To see the classes corresponding to these probabilieis, we can look at the `classes_` attribute:

In [19]:
cl.classes_

array([0, 1])

which means the first probability is for class '0', while the second probability is for class '1'.

Some of the most useful attributes provided by this learner are:

* `classes_` Class labels known to the classifier;
* `class_count_` Number of samples encountered for each class during fitting;
* `class_log_prior_` Natural logarithm of the probability of each class (smoothed);
* `feature_count_` Number of samples encountered for each (class, feature) during fitting;
* `feature_log_prob_` Empirical log probability of features given a class, $P(a_i|v_j)$.

---
**Give it a try!**

The datasets `X_art` and `y_art` below describe 6 news articles. `X_art` holds the frequency of words while `y_art` holds the topic of the article. `X_new_art` is meant to represent a new article, for which we don't know the topic.

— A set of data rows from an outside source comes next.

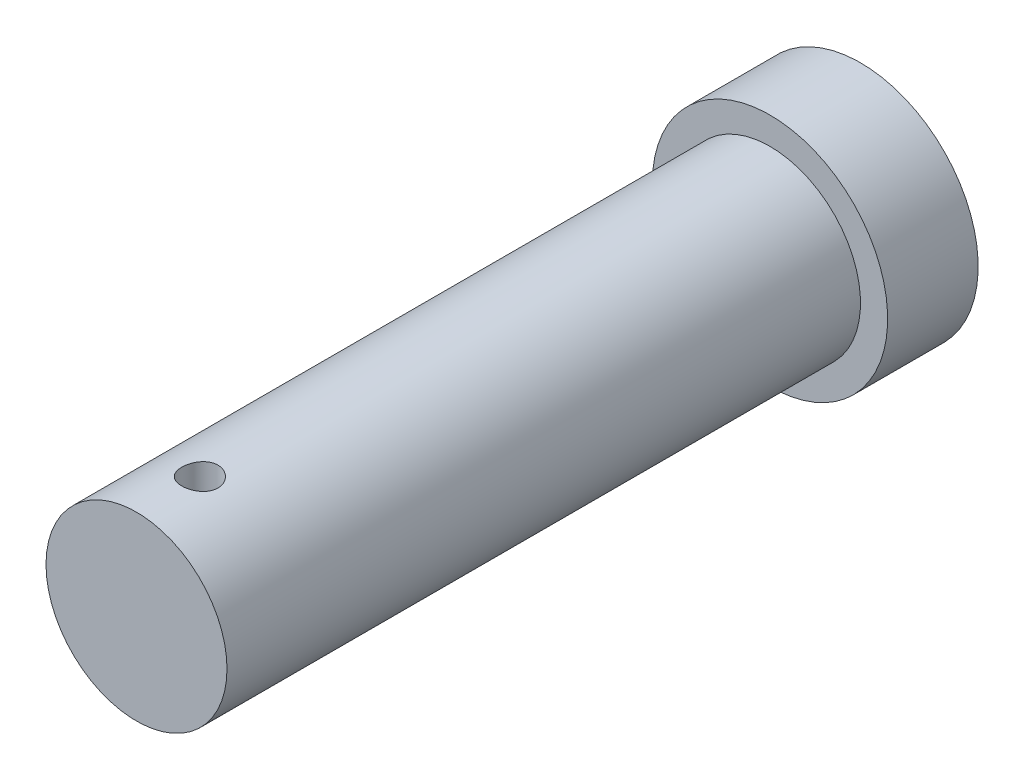
from build123d import *

# Parameters (mm, degrees)
SKETCH1_R               = 10
BOSS_EXTRUDE1_DEPTH     = 70
SKETCH2_R               = 13
BOSS_EXTRUDE2_DEPTH     = 10
CUT_EXTRUDE1_DEPTH      = 73.374028491
CUT_EXTRUDE1_DEPTH_BACK = 73.374028491
SKETCH3_R               = 2


with BuildPart() as part:
    # Sketch1 → Boss-Extrude1 (new body)
    with BuildSketch(Plane.XY):
        Circle(SKETCH1_R)
    extrude(amount=BOSS_EXTRUDE1_DEPTH)

    # Sketch2 → Boss-Extrude2 (add)
    with BuildSketch(Plane(origin=(0, 0, 0), x_dir=(-1, 0, 0), z_dir=(0, 0, -1))):
        Circle(SKETCH2_R)
    extrude(amount=BOSS_EXTRUDE2_DEPTH)

    # Sketch3 → Cut-Extrude1 (cut, two sides: drawn at the far end of the back side and taken through both)
    with BuildSketch(Plane(origin=(0, 0, 0), x_dir=(1, 0, 0), z_dir=(0, 1, 0)).offset(-CUT_EXTRUDE1_DEPTH_BACK)):
        with Locations(Location((0, -63, 0), (0, 0, 270))):
            Circle(SKETCH3_R)
    extrude(amount=CUT_EXTRUDE1_DEPTH + CUT_EXTRUDE1_DEPTH_BACK, mode=Mode.SUBTRACT)


solid = part.part

What is the probability that this article is about weather?

In [20]:
import pandas as pd
import numpy as np
rng = np.random.RandomState(1)
cols = [f'word_{i}' for i in range(100)]

X_art = pd.DataFrame(rng.randint(5, size=(6, 100)), columns=cols)
y_art = pd.Series(np.array(['politics', 'economy', 'weather', 'sports', 'sports', 'culture']))
X_new_art = pd.DataFrame(X_art[2:3])

# Your code here

Expected result: 0.99999998.

---

## Prior probabilities

By default, the probabilities of the two classes (spam and non-spam) are determined from the dataset. In the results above, the prior probability of 'spam' is considered to be $8/12$, so approximately 0.67. If, however, we want to tweak the prediction to be more conservative and label less messages as spam, then we can directly specify the probability of spam to a lower value such as 0.1:

In [21]:
cl = BernoulliNB(class_prior=[0.9,0.1]).fit(X, y)
cl.predict_proba(new_messages)

array([[0.99626401, 0.00373599]])

As expected, the computed probability that the message is spam has decreased, from around 0.06 to 0.0037.